2 min read

Sharing substance abuse records under HIPAA and 42 CFR Part

Sharing substance abuse records under HIPAA and 42 CFR Part

Under HIPAA and the 42 CFR Part 2 rule, substance abuse records can be shared with one written patient consent form for future uses and disclosures related to treatment, payment, and healthcare operations. Once shared, HIPAA covered entities and business associates can redisclose these records as permitted by HIPAA without needing additional consent.

 

Understanding HIPAA

HIPAA safeguards protected health information (PHI) across all healthcare sectors. It outlines requirements for PHI privacy and security, including information related to an individual's health condition, treatment, or payment for services. The HHS states, “A covered entity is permitted, but not required, to use and disclose protected health information, without an individual's authorization, for the following purposes or situations: (1) To the Individual (unless required for access or accounting of disclosures); (2) Treatment, Payment, and Health Care Operations…" However, when it comes to substance abuse records, HIPAA's provisions must be interpreted alongside 42 CFR Part 2.

 

Introduction to 42 CFR Part 2

The final rule for 42 CFR Part 2, announced on February 8, 2024, modifies the confidentiality provisions concerning Substance Use Disorder (SUD) patient records. The update aligns certain aspects of Part 2 with HIPAA regulations, following provisions from the Coronavirus Aid, Relief, and Economic Security (CARES) Act. The main goal remains to protect the confidentiality of individuals receiving SUD treatment, ensuring they feel safe disclosing sensitive information.

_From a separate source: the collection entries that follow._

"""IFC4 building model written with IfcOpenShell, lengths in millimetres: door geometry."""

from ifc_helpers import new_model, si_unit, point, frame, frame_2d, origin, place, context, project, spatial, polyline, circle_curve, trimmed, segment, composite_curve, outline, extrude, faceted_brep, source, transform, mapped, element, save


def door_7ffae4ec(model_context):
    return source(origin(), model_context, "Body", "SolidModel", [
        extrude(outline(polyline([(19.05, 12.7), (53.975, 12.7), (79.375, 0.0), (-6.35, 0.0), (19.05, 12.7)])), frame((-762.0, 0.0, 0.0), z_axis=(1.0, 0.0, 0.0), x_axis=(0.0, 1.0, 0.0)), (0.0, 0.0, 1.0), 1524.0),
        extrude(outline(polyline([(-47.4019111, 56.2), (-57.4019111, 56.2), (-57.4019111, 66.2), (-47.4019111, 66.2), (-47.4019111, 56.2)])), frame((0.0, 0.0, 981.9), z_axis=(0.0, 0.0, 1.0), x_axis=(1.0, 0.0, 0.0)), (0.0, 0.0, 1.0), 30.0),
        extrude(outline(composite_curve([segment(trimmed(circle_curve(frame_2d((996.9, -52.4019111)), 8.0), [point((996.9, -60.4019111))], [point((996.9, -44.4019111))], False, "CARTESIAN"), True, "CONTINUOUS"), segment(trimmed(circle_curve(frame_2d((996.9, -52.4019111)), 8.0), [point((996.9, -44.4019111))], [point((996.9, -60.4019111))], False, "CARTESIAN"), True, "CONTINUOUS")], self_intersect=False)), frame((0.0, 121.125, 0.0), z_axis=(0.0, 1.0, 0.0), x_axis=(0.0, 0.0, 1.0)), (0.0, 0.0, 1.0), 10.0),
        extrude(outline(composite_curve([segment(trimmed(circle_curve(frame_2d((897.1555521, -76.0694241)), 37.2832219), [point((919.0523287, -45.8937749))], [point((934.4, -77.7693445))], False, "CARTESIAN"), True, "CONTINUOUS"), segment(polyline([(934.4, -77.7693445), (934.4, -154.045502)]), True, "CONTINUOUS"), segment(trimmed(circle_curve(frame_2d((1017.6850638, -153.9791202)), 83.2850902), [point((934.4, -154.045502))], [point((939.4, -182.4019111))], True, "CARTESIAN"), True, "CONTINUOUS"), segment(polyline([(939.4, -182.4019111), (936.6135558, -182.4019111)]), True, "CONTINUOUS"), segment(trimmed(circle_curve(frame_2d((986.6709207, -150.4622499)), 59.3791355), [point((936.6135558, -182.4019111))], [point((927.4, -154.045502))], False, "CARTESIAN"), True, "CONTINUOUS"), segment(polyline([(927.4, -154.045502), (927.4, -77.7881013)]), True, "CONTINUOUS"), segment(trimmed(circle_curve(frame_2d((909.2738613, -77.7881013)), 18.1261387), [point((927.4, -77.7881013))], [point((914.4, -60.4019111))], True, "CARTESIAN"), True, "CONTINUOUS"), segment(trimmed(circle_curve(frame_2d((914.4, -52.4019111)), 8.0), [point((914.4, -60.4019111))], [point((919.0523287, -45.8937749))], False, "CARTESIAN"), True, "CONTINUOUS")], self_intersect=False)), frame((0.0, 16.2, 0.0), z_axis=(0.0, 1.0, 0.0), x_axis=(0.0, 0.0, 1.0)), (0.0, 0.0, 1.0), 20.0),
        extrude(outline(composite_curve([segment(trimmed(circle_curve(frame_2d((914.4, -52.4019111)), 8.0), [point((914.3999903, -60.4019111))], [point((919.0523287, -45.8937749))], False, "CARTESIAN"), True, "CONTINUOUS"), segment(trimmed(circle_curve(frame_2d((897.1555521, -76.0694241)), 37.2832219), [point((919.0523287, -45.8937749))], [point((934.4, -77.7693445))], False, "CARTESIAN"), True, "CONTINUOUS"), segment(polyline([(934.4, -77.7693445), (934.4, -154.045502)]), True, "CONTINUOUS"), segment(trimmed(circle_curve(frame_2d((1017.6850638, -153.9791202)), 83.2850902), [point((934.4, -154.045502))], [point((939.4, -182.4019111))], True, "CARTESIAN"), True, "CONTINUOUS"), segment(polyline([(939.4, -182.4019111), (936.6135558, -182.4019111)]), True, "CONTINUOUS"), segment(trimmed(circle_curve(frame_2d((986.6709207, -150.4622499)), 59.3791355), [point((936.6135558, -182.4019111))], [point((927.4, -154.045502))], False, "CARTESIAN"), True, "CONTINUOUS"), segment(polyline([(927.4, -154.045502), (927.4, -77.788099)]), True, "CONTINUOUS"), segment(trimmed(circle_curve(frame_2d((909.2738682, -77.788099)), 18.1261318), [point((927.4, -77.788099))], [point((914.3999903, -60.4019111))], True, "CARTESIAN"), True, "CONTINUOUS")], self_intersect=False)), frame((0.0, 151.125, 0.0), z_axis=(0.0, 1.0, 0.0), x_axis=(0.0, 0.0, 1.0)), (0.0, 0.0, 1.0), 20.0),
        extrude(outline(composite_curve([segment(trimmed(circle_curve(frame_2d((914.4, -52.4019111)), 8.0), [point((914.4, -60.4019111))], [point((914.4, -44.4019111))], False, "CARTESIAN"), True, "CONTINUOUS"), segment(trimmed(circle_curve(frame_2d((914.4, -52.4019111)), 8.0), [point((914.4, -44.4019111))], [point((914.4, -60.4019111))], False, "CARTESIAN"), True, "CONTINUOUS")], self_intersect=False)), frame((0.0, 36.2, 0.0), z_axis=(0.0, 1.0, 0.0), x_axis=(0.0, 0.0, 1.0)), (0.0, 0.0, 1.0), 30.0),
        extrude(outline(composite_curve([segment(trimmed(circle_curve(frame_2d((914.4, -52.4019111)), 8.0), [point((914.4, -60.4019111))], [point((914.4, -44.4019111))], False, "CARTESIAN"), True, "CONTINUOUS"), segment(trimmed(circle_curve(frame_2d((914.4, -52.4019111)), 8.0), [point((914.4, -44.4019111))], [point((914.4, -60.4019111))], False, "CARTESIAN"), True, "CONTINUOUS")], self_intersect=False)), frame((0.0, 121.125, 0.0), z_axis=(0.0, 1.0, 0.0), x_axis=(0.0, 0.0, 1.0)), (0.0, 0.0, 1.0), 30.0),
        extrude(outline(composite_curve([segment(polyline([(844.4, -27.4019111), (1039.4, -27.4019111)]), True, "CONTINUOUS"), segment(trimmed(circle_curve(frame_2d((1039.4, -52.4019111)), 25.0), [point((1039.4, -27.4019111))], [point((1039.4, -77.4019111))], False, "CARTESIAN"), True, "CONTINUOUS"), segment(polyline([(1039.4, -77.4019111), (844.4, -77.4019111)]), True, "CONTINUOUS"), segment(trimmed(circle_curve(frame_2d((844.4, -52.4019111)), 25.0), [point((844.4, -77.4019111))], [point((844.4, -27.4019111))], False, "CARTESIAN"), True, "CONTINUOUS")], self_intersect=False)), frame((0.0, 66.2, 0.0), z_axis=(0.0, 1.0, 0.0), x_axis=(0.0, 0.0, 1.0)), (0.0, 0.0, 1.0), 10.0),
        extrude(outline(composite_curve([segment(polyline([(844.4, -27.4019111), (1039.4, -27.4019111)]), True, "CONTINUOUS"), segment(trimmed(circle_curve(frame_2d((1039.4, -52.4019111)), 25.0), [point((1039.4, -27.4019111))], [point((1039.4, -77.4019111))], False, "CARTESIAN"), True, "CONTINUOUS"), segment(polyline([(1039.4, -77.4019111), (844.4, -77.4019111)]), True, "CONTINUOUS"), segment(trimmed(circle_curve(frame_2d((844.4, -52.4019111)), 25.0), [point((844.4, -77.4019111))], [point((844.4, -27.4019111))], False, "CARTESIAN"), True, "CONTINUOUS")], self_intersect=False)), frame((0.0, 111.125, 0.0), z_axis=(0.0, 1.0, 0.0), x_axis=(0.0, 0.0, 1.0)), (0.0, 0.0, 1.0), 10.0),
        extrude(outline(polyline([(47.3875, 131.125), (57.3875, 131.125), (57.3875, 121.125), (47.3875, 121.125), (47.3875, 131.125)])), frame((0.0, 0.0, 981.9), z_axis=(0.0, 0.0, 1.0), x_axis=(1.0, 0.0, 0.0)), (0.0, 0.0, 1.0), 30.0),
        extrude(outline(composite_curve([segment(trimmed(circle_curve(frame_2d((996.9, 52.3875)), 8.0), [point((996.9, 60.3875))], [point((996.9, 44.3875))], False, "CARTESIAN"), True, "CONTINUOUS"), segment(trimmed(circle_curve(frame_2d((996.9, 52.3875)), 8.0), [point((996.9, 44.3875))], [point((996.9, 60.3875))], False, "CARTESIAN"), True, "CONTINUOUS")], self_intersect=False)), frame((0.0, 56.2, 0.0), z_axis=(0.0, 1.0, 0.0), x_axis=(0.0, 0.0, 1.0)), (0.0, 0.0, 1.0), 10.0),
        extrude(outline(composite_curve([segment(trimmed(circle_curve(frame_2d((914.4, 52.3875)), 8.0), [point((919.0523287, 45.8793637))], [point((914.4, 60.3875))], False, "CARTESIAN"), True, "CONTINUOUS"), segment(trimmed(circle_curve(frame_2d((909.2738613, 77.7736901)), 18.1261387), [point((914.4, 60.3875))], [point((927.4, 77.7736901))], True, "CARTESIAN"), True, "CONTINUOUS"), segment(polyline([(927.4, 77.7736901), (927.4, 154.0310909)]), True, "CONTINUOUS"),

Under the new rule, healthcare providers can obtain a single consent form for all future uses and disclosures related to treatment, payment, and healthcare operations. According to the HHS, it "allows HIPAA covered entities and business associates that receive records under this consent to redisclose the records in accordance with the HIPAA regulations."

 

Recommended practices for sharing substance abuse records

Healthcare organizations must implement best practices to ensure compliance with both HIPAA and 42 CFR Part 2:

  1. Obtain explicit patient consent: Always secure written consent before sharing SUD records. Consent should specify the information being shared, the purpose, and the recipient.
  2. Document consent properly: Maintain accurate records of consent forms and communications. Documentation helps with compliance and accountability.
  3. Train staff: Regularly educate healthcare staff about the differences between HIPAA and 42 CFR Part 2, focusing on the specific consent requirements for SUD records.
  4. Use secure communication channels: Ensure all electronic communications containing sensitive information are through secure, HIPAA compliant channels.
  5. Keep accurate records: Maintain meticulous records of shared information, including dates, recipients, and disclosure purposes. This practice helps in audits and indicates compliance efforts.

 

Addressing common challenges

Misunderstandings can arise regarding the applicability of HIPAA’s broader sharing provisions to SUD records. While the updated 42 CFR Part 2 allows for some flexibility, the requirement for explicit consent still exists for specific circumstances. Moreover, healthcare providers must be cautious of conflicting state laws that may impose additional restrictions. 

 

FAQs

What types of records are protected under 42 CFR Part 2?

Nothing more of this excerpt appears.